(yes, I agree that the boot/root SSD is mysteriously failing i.e. 'disappearing' off-line)
Can you [easily] get another SSD? (if identical, maybe connect external & simply dd copy [UUID same?])
Or *maybe* 'mirror' [raid/multipath?] the SSD to free space somewhere on other 3 hdd...
I'm wondering if there's a 'better' way to capture console messages (just SEE them; not depend on any disk logging)...
** What 'console'/display do you use, when you find the system frozen?

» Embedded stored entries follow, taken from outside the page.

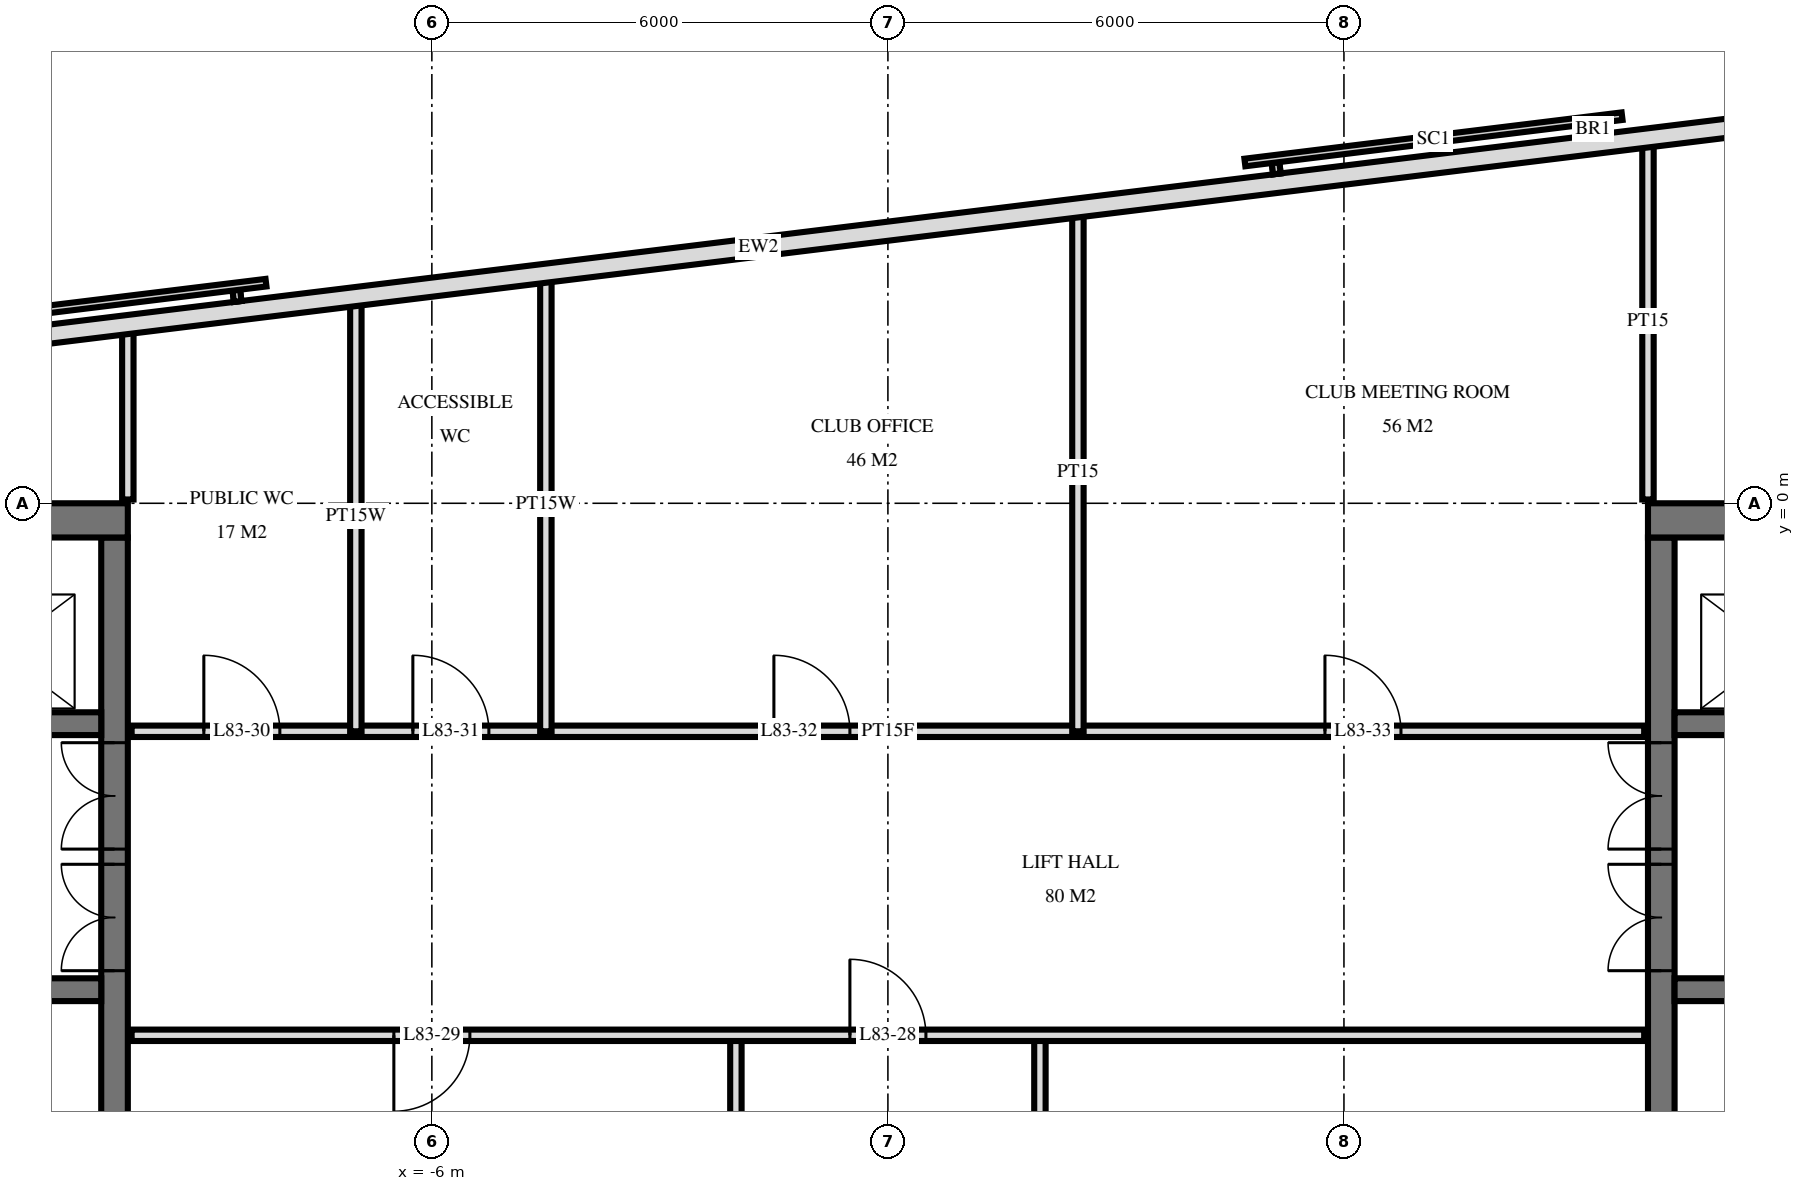
"""IFC4 building model, lengths in metres.
Left out: names, types, materials, properties, quantities, classifications, styles, units other than length and angle.
Written with IfcOpenShell. Run it as: python <this file> out.ifc"""

import sys

from ifc_helpers import new_model, si_unit, direction, frame, frame_2d, origin, place, context, subcontext, project, spatial, rectangle, extrude, element, fill, save


model = new_model("IFC4")
c1 = context("Model", 3, precision=1e-05, world=origin(), true_north=direction((0.0, 1.0)))
c2 = subcontext(c1, "Body", "Model", "MODEL_VIEW")
j1 = project(units=[si_unit("LENGTHUNIT", "METRE"), si_unit("PLANEANGLEUNIT", "RADIAN")], contexts=[c1])
p1 = place(None, origin())
s1 = spatial("IfcSite", under=j1, at=p1, CompositionType="ELEMENT")
p2 = place(p1, origin())
s2 = spatial("IfcBuilding", under=s1, at=p2, CompositionType="ELEMENT")
p3 = place(p2, frame((0.0, 0.0, 314.6)))
s3 = spatial("IfcBuildingStorey", under=s2, at=p3, CompositionType="ELEMENT", Elevation=314.6)
p4 = place(p3, frame((-19.5, -0.225, 0.0), z_axis=(0.0, 0.0, 1.0), x_axis=(1.0, 0.0, 0.0)))
e1 = element("IfcWall", 1, at=p4, inside=s3, PredefinedType="SHEAR", context=c2, shape_type="SweptSolid", body=[
    extrude(rectangle(XDim=9.5, YDim=0.45, at=frame_2d((4.75, 0.0))), origin(), (0.0, 0.0, 1.0), 4.0),
])
p5 = place(p3, frame((-10.175, -14.55, 0.0), z_axis=(0.0, 0.0, 1.0), x_axis=(0.0, 1.0, 0.0)))
e2 = element("IfcWall", 2, at=p5, inside=s3, PredefinedType="SHEAR", context=c2, shape_type="SweptSolid", body=[
    extrude(rectangle(XDim=14.1, YDim=0.35, at=frame_2d((7.05, 0.0))), origin(), (0.0, 0.0, 1.0), 4.0),
])
p6 = place(p5, frame((8.4, 0.0, 0.0)))
e3 = element("IfcOpeningElement", 3, at=p6, cuts=e2, PredefinedType="OPENING", context=c2, shape_type="SweptSolid", body=[
    extrude(rectangle(XDim=1.4, YDim=2.4, at=frame_2d((0.7, 1.2))), frame((0.0, 0.185, 0.0), z_axis=(0.0, -1.0, 0.0), x_axis=(1.0, 0.0, 0.0)), (0.0, 0.0, 1.0), 0.37),
])
p7 = place(p5, frame((10.0, 0.0, 0.0)))
e4 = element("IfcOpeningElement", 4, at=p7, cuts=e2, PredefinedType="OPENING", context=c2, shape_type="SweptSolid", body=[
    extrude(rectangle(XDim=1.4, YDim=2.4, at=frame_2d((0.7, 1.2))), frame((0.0, 0.185, 0.0), z_axis=(0.0, -1.0, 0.0), x_axis=(1.0, 0.0, 0.0)), (0.0, 0.0, 1.0), 0.37),
])
p8 = place(p5, frame((4.0, 0.0, 0.0)))
e5 = element("IfcOpeningElement", 5, at=p8, cuts=e2, PredefinedType="OPENING", context=c2, shape_type="SweptSolid", body=[
    extrude(rectangle(XDim=1.2, YDim=2.1, at=frame_2d((0.6, 1.05))), frame((0.0, 0.185, 0.0), z_axis=(0.0, -1.0, 0.0), x_axis=(1.0, 0.0, 0.0)), (0.0, 0.0, 1.0), 0.37),
])
p9 = place(p3, frame((-19.05, -2.9, 0.0), z_axis=(0.0, 0.0, 1.0), x_axis=(1.0, 0.0, 0.0)))
e6 = element("IfcWall", 6, at=p9, inside=s3, PredefinedType="SHEAR", context=c2, shape_type="SweptSolid", body=[
    extrude(rectangle(XDim=8.7, YDim=0.3, at=frame_2d((4.35, 0.0))), origin(), (0.0, 0.0, 1.0), 4.0),
])
p10 = place(p9, frame((6.8, 0.0, 0.0)))
e7 = element("IfcOpeningElement", 7, at=p10, cuts=e6, PredefinedType="OPENING", context=c2, shape_type="SweptSolid", body=[
    extrude(rectangle(XDim=1.1, YDim=2.1, at=frame_2d((0.55, 1.05))), frame((0.0, 0.16, 0.0), z_axis=(0.0, -1.0, 0.0), x_axis=(1.0, 0.0, 0.0)), (0.0, 0.0, 1.0), 0.32),
])
p11 = place(p9, frame((3.8, 0.0, 0.0)))
e8 = element("IfcOpeningElement", 8, at=p11, cuts=e6, PredefinedType="OPENING", context=c2, shape_type="SweptSolid", body=[
    extrude(rectangle(XDim=1.1, YDim=2.1, at=frame_2d((0.55, 1.05))), frame((0.0, 0.16, 0.0), z_axis=(0.0, -1.0, 0.0), x_axis=(1.0, 0.0, 0.0)), (0.0, 0.0, 1.0), 0.32),
])
p12 = place(p9, frame((0.9, 0.0, 0.0)))
e9 = element("IfcOpeningElement", 9, at=p12, cuts=e6, PredefinedType="OPENING", context=c2, shape_type="SweptSolid", body=[
    extrude(rectangle(XDim=0.9, YDim=2.1, at=frame_2d((0.45, 1.05))), frame((0.0, 0.16, 0.0), z_axis=(0.0, -1.0, 0.0), x_axis=(1.0, 0.0, 0.0)), (0.0, 0.0, 1.0), 0.32),
])
p13 = place(p3, frame((-19.05, -6.4, 0.0), z_axis=(0.0, 0.0, 1.0), x_axis=(1.0, 0.0, 0.0)))
e10 = element("IfcWall", 10, at=p13, inside=s3, PredefinedType="SHEAR", context=c2, shape_type="SweptSolid", body=[
    extrude(rectangle(XDim=8.7, YDim=0.3, at=frame_2d((4.35, 0.0))), origin(), (0.0, 0.0, 1.0), 4.0),
])
p14 = place(p13, frame((0.8, 0.0, 0.0)))
e11 = element("IfcOpeningElement", 11, at=p14, cuts=e10, PredefinedType="OPENING", context=c2, shape_type="SweptSolid", body=[
    extrude(rectangle(XDim=1.1, YDim=2.1, at=frame_2d((0.55, 1.05))), frame((0.0, 0.16, 0.0), z_axis=(0.0, -1.0, 0.0), x_axis=(1.0, 0.0, 0.0)), (0.0, 0.0, 1.0), 0.32),
])
p15 = place(p3, frame((10.0, -0.225, 0.0), z_axis=(0.0, 0.0, 1.0), x_axis=(1.0, 0.0, 0.0)))
e12 = element("IfcWall", 12, at=p15, inside=s3, PredefinedType="SHEAR", context=c2, shape_type="SweptSolid", body=[
    extrude(rectangle(XDim=9.5, YDim=0.45, at=frame_2d((4.75, 0.0))), origin(), (0.0, 0.0, 1.0), 4.0),
])
p16 = place(p3, frame((10.175, -14.55, 0.0), z_axis=(0.0, 0.0, 1.0), x_axis=(0.0, 1.0, 0.0)))
e13 = element("IfcWall", 13, at=p16, inside=s3, PredefinedType="SHEAR", context=c2, shape_type="SweptSolid", body=[
    extrude(rectangle(XDim=14.1, YDim=0.35, at=frame_2d((7.05, 0.0))), origin(), (0.0, 0.0, 1.0), 4.0),
])
p17 = place(p16, frame((8.4, 0.0, 0.0)))
e14 = element("IfcOpeningElement", 14, at=p17, cuts=e13, PredefinedType="OPENING", context=c2, shape_type="SweptSolid", body=[
    extrude(rectangle(XDim=1.4, YDim=2.4, at=frame_2d((0.7, 1.2))), frame((0.0, 0.185, 0.0), z_axis=(0.0, -1.0, 0.0), x_axis=(1.0, 0.0, 0.0)), (0.0, 0.0, 1.0), 0.37),
])
p18 = place(p16, frame((10.0, 0.0, 0.0)))
e15 = element("IfcOpeningElement", 15, at=p18, cuts=e13, PredefinedType="OPENING", context=c2, shape_type="SweptSolid", body=[
    extrude(rectangle(XDim=1.4, YDim=2.4, at=frame_2d((0.7, 1.2))), frame((0.0, 0.185, 0.0), z_axis=(0.0, -1.0, 0.0), x_axis=(1.0, 0.0, 0.0)), (0.0, 0.0, 1.0), 0.37),
])
p19 = place(p16, frame((4.0, 0.0, 0.0)))
e16 = element("IfcOpeningElement", 16, at=p19, cuts=e13, PredefinedType="OPENING", context=c2, shape_type="SweptSolid", body=[
    extrude(rectangle(XDim=1.2, YDim=2.1, at=frame_2d((0.6, 1.05))), frame((0.0, 0.185, 0.0), z_axis=(0.0, -1.0, 0.0), x_axis=(1.0, 0.0, 0.0)), (0.0, 0.0, 1.0), 0.37),
])
p20 = place(p3, frame((10.35, -2.9, 0.0), z_axis=(0.0, 0.0, 1.0), x_axis=(1.0, 0.0, 0.0)))
e17 = element("IfcWall", 17, at=p20, inside=s3, PredefinedType="SHEAR", context=c2, shape_type="SweptSolid", body=[
    extrude(rectangle(XDim=8.7, YDim=0.3, at=frame_2d((4.35, 0.0))), origin(), (0.0, 0.0, 1.0), 4.0),
])
p21 = place(p20, frame((0.8, 0.0, 0.0)))
e18 = element("IfcOpeningElement", 18, at=p21, cuts=e17, PredefinedType="OPENING", context=c2, shape_type="SweptSolid", body=[
    extrude(rectangle(XDim=1.1, YDim=2.1, at=frame_2d((0.55, 1.05))), frame((0.0, 0.16, 0.0), z_axis=(0.0, -1.0, 0.0), x_axis=(1.0, 0.0, 0.0)), (0.0, 0.0, 1.0), 0.32),
])
p22 = place(p20, frame((3.8, 0.0, 0.0)))
e19 = element("IfcOpeningElement", 19, at=p22, cuts=e17, PredefinedType="OPENING", context=c2, shape_type="SweptSolid", body=[
    extrude(rectangle(XDim=1.1, YDim=2.1, at=frame_2d((0.55, 1.05))), frame((0.0, 0.16, 0.0), z_axis=(0.0, -1.0, 0.0), x_axis=(1.0, 0.0, 0.0)), (0.0, 0.0, 1.0), 0.32),
])
p23 = place(p20, frame((6.9, 0.0, 0.0)))
e20 = element("IfcOpeningElement", 20, at=p23, cuts=e17, PredefinedType="OPENING", context=c2, shape_type="SweptSolid", body=[
    extrude(rectangle(XDim=0.9, YDim=2.1, at=frame_2d((0.45, 1.05))), frame((0.0, 0.16, 0.0), z_axis=(0.0, -1.0, 0.0), x_axis=(1.0, 0.0, 0.0)), (0.0, 0.0, 1.0), 0.32),
])
p24 = place(p3, frame((10.35, -6.4, 0.0), z_axis=(0.0, 0.0, 1.0), x_axis=(1.0, 0.0, 0.0)))
e21 = element("IfcWall", 21, at=p24, inside=s3, PredefinedType="SHEAR", context=c2, shape_type="SweptSolid", body=[
    extrude(rectangle(XDim=8.7, YDim=0.3, at=frame_2d((4.35, 0.0))), origin(), (0.0, 0.0, 1.0), 4.0),
])
p25 = place(p24, frame((6.8, 0.0, 0.0)))
e22 = element("IfcOpeningElement", 22, at=p25, cuts=e21, PredefinedType="OPENING", context=c2, shape_type="SweptSolid", body=[
    extrude(rectangle(XDim=1.1, YDim=2.1, at=frame_2d((0.55, 1.05))), frame((0.0, 0.16, 0.0), z_axis=(0.0, -1.0, 0.0), x_axis=(1.0, 0.0, 0.0)), (0.0, 0.0, 1.0), 0.32),
])
p26 = place(p3, frame((16.138, 5.561, 0.0), z_axis=(0.0, 0.0, 1.0), x_axis=(-0.992546726876, -0.121864658405, 0.0)))
e23 = element("IfcWall", 23, at=p26, inside=s3, PredefinedType="SOLIDWALL", context=c2, shape_type="SweptSolid", body=[
    extrude(rectangle(XDim=35.951, YDim=0.25, at=frame_2d((17.975, 0.0))), origin(), (0.0, 0.0, 1.0), 3.72),
])
p27 = place(p3, frame((10.0, 0.05, 0.0), z_axis=(0.0, 0.0, 1.0), x_axis=(0.0, 1.0, 0.0)))
e24 = element("IfcWall", 24, at=p27, inside=s3, PredefinedType="PARTITIONING", context=c2, shape_type="SweptSolid", body=[
    extrude(rectangle(XDim=4.702, YDim=0.15, at=frame_2d((2.351, 0.0))), origin(), (0.0, 0.0, 1.0), 3.72),
])
p28 = place(p3, frame((2.5, -3.0, 0.0), z_axis=(0.0, 0.0, 1.0), x_axis=(0.0, 1.0, 0.0)))
e25 = element("IfcWall", 25, at=p28, inside=s3, PredefinedType="PARTITIONING", context=c2, shape_type="SweptSolid", body=[
    extrude(rectangle(XDim=6.832, YDim=0.15, at=frame_2d((3.416, 0.0))), origin(), (0.0, 0.0, 1.0), 3.72),
])
for number, where, z_axis, x_axis in (
    (26, (2.0, -11.0, 0.0), (0.0, 0.0, 1.0), (0.0, 1.0, 0.0)),
    (27, (-2.0, -11.0, 0.0), (0.0, 0.0, 1.0), (0.0, 1.0, 0.0)),
):
    element("IfcWall", number, at=place(p3, frame(where, z_axis=z_axis, x_axis=x_axis)), inside=s3, PredefinedType="PARTITIONING", context=c2, shape_type="SweptSolid", body=[
        extrude(rectangle(XDim=4.0, YDim=0.15, at=frame_2d((2.0, 0.0))), origin(), (0.0, 0.0, 1.0), 3.72),
    ])
p29 = place(p3, frame((-4.5, -3.0, 0.0), z_axis=(0.0, 0.0, 1.0), x_axis=(0.0, 1.0, 0.0)))
e28 = element("IfcWall", 28, at=p29, inside=s3, PredefinedType="PLUMBINGWALL", context=c2, shape_type="SweptSolid", body=[
    extrude(rectangle(XDim=5.972, YDim=0.15, at=frame_2d((2.986, 0.0))), origin(), (0.0, 0.0, 1.0), 3.72),
])
p30 = place(p3, frame((-7.0, -3.0, 0.0), z_axis=(0.0, 0.0, 1.0), x_axis=(0.0, 1.0, 0.0)))
e29 = element("IfcWall", 29, at=p30, inside=s3, PredefinedType="PLUMBINGWALL", context=c2, shape_type="SweptSolid", body=[
    extrude(rectangle(XDim=5.665, YDim=0.15, at=frame_2d((2.833, 0.0))), origin(), (0.0, 0.0, 1.0), 3.72),
])
p31 = place(p3, frame((-10.0, 0.05, 0.0), z_axis=(0.0, 0.0, 1.0), x_axis=(0.0, 1.0, 0.0)))
e30 = element("IfcWall", 30, at=p31, inside=s3, PredefinedType="PLUMBINGWALL", context=c2, shape_type="SweptSolid", body=[
    extrude(rectangle(XDim=2.247, YDim=0.15, at=frame_2d((1.123, 0.0))), origin(), (0.0, 0.0, 1.0), 3.72),
])
p32 = place(p3, frame((-9.95, -7.0, 0.0), z_axis=(0.0, 0.0, 1.0), x_axis=(1.0, 0.0, 0.0)))
e31 = element("IfcWall", 31, at=p32, inside=s3, PredefinedType="PARTITIONING", context=c2, shape_type="SweptSolid", body=[
    extrude(rectangle(XDim=19.9, YDim=0.15, at=frame_2d((9.95, 0.0))), origin(), (0.0, 0.0, 1.0), 3.72),
])
p33 = place(p32, frame((9.45, 0.0, 0.0)))
e32 = element("IfcOpeningElement", 32, at=p33, cuts=e31, PredefinedType="OPENING", context=c2, shape_type="SweptSolid", body=[
    extrude(rectangle(XDim=1.0, YDim=2.1, at=frame_2d((0.5, 1.05))), frame((0.0, 0.085, 0.0), z_axis=(0.0, -1.0, 0.0), x_axis=(1.0, 0.0, 0.0)), (0.0, 0.0, 1.0), 0.17),
])
p34 = place(p32, frame((3.45, 0.0, 0.0)))
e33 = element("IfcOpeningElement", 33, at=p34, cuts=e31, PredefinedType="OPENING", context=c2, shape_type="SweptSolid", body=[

(Could you leave -like- a serial dumb-terminal console, where displaying last messages isn't dependent on kernel video display. Or maybe remotely, to avoid any screensaver-blanking, need to [load&run] login, ...)
I found something interesting
here(middle),
(more info and .../power/control):
Quote:
To spin down the SDD platters and power off the individual disks, to simulate disks being taken out or prior to taking out the disks, issue the following:
echo 1 > /sys/block/sda/device/delete
...
|
I tried this with my VirtualBox CentOS7 netinst CD /sr0/ [only; no hdd] (Ctrl-Alt-F1 thru F5)
I got lots of kernel messages on tty4 (Alt-F4: console logs) but [tty2&3] `df /`loop&top kept running ok (new cmds [on tty5] from /bin failed w/msgs of course) Also fdisk -l instead of df catches it gone.
Of course, don't take my 'noob' ramblings as *anywhere near* expert...!
(getting inanely obscure, breakpoint/debug-log [SSD?]driver.c/.ko sending such...)
I assume that /etc and [/usr]/bin&lib are on the SDD, 'mostly' readonly [not /var on SSD]
While the system is down, maybe you could boot single [ro ok for safety] & try the 'delete',
&reset, to see whether a full power-cycle is needed to bring SDD back online (per BIOS)
I wonder if some software could be ['accidentally'] doing something like this...
(blame systemd, *LOL* ... *JUST KIDDING*, sorry)
I'm looking for some way to 'prove' that what is SEEN, fully matches the SDD 'shutting off'.